La Primera Guerra Mundial había devastado Europa, matando a dieciséis millones de personas y mutilando a otros veinte millones, aplastando economías y sembrando el caos. En Italia, por ejemplo, el periodo de posguerra combinó una alta inflación y desempleo, así como huelgas, ocupaciones de fábricas, tomas de tierra y otras formas de descontento social y violencia. Los gobiernos italianos liberales de la posguerra no lograron abordar de manera adecuada estos problemas.

Benito Mussolini y su Partido Nacional Fascista (PNF) irrumpieron en ese espacio, beneficiándose del fracaso o ineficacia de las instituciones, partidos y élites existentes, y ofreciendo una mezcla de políticas “nacionales” y “sociales”. Los fascistas prometían impulsar la unidad nacional, priorizar los intereses de la nación por encima de los de cualquier grupo particular y promover la estatura internacional de Italia. Los fascistas también llamaban al deseo de los italianos por una seguridad social, solidaridad y protección de las crisis capitalistas. Prometían restaurar el orden, proteger la propiedad privada y promover la prosperidad, pero también proteger a la sociedad de la recesión económica y las disrupciones. Los fascistas subrayaban que la riqueza aparejaba responsabilidades igual que privilegios, y que debían administrarse para el beneficio del país.

Esos llamamientos permitían que los fascistas tuvieran el apoyo de casi todos los grupos socioeconómicos. Italia era un país joven (fundado en la década de 1860), presa de profundas divisiones regionales y sociales. Al afirmar que servían a los mejores intereses de toda la comunidad nacional, los fascistas se convirtieron en el primer verdadero “partido del pueblo” en Italia.

Tras llegar al poder, los fascistas italianos crearon círculos recreacionales, grupos de estudio y grupos juveniles, actividades deportivas y excursiones. Estas organizaciones impulsaron los objetivos fascistas de construir una verdadera comunidad nacional. El deseo de fortalecer una identidad nacional (fascista) también obligaba al régimen a extraordinarias medidas culturales. Promovía arquitectura pública, exposiciones artísticas y producciones radiofónicas y cinematográficas espectaculares. Como dijo un fascista: “No puede haber ningún interés económico que esté por encima de los intereses económicos generales del Estado, ninguna iniciativa económica individual que caiga bajo la supervisión y regulación del Estado, ninguna relación de las diferentes clases del país que no sea competencia del Estado.” Esas políticas mantuvieron la popularidad del fascismo hasta finales de los años treinta, cuando Mussolini se alió con Hitler. Fue solo la participación del país en la Segunda Guerra Mundial, y el paso del régimen italiano hacia una idea más claramente “racialista” del fascismo, lo que comenzó a hacer impopular al fascismo italiano.

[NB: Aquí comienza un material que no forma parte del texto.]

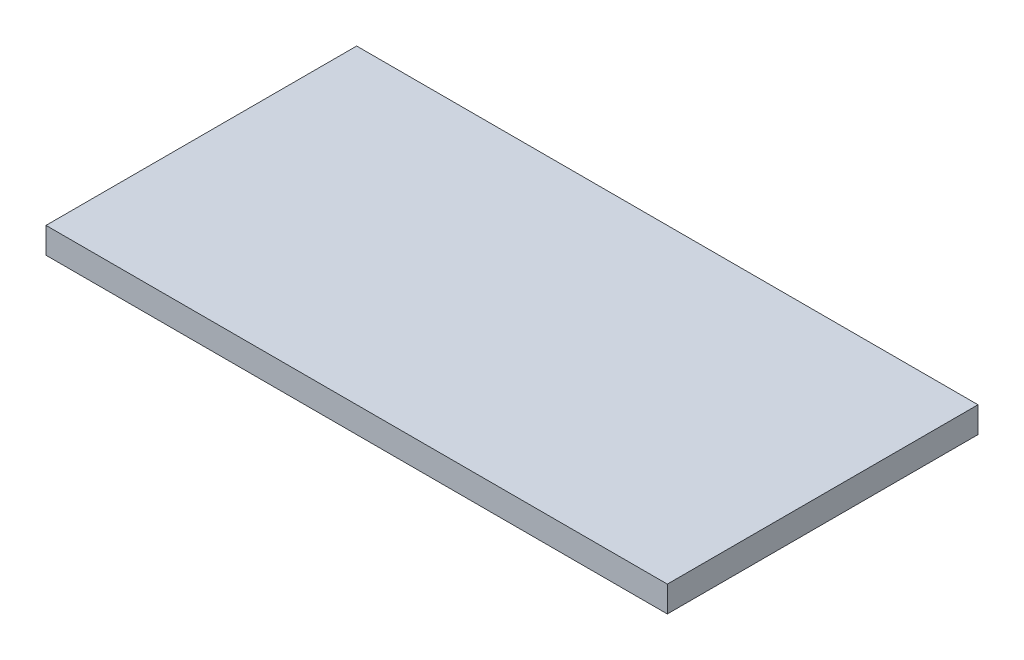
SolidWorks part; units mm, degrees
ref_plane "Front Plane" through (0, 0, 0) normal (0, 0, 1) x (1, 0, 0)
ref_plane "Top Plane" through (0, 0, 0) normal (0, 1, 0) x (1, 0, 0)
ref_plane "Right Plane" through (0, 0, 0) normal (1, 0, 0) x (0, 0, -1)
sketch "Sketch1" plane through (0, 0, 0) normal (0, 1, 0) x (1, 0, 0)
  line L1 (-60, 30) -> (60, 30)
  line L2 (-60, 30) -> (-60, -30)
  line L3 (-60, -30) -> (60, -30)
  line L4 (60, 30) -> (60, -30)
  line L5 (-60, 30) -> (60, -30) construction
  line L6 (-60, -30) -> (60, 30) construction
  point P0 (0, 0)
  dimension "D1" = 120
  dimension "D2" = 60
extrude "Boss-Extrude1" add sketch "Sketch1" along normal blind 5

El fascismo italiano se distinguía de su contraparte alemán de maneras importantes. La más notable quizá fuera que el antisemitismo y el racismo eran más innatos en la versión alemana. Pero el fascismo italiano y el alemán también compartían similitudes importantes. Como Italia, Alemania era un “nuevo” país (formado en 1871), presa de divisiones profundas. Tras la Primera Guerra Mundial, Alemania se encontró cargada con unas punitivas condiciones de paz. Durante la década de 1920, experimentó violentos levantamientos, magnicidios, invasión extranjera y una célebre Gran Inflación. La respuesta del gobierno, y de otros actores políticos, sin embargo, también debe recordarse. Por distintas razones, los gobiernos conservadores de la época y sus oponentes socialistas favorecían primariamente la austeridad como respuesta de la crisis. Así llegó una oportunidad de oro para el fascismo.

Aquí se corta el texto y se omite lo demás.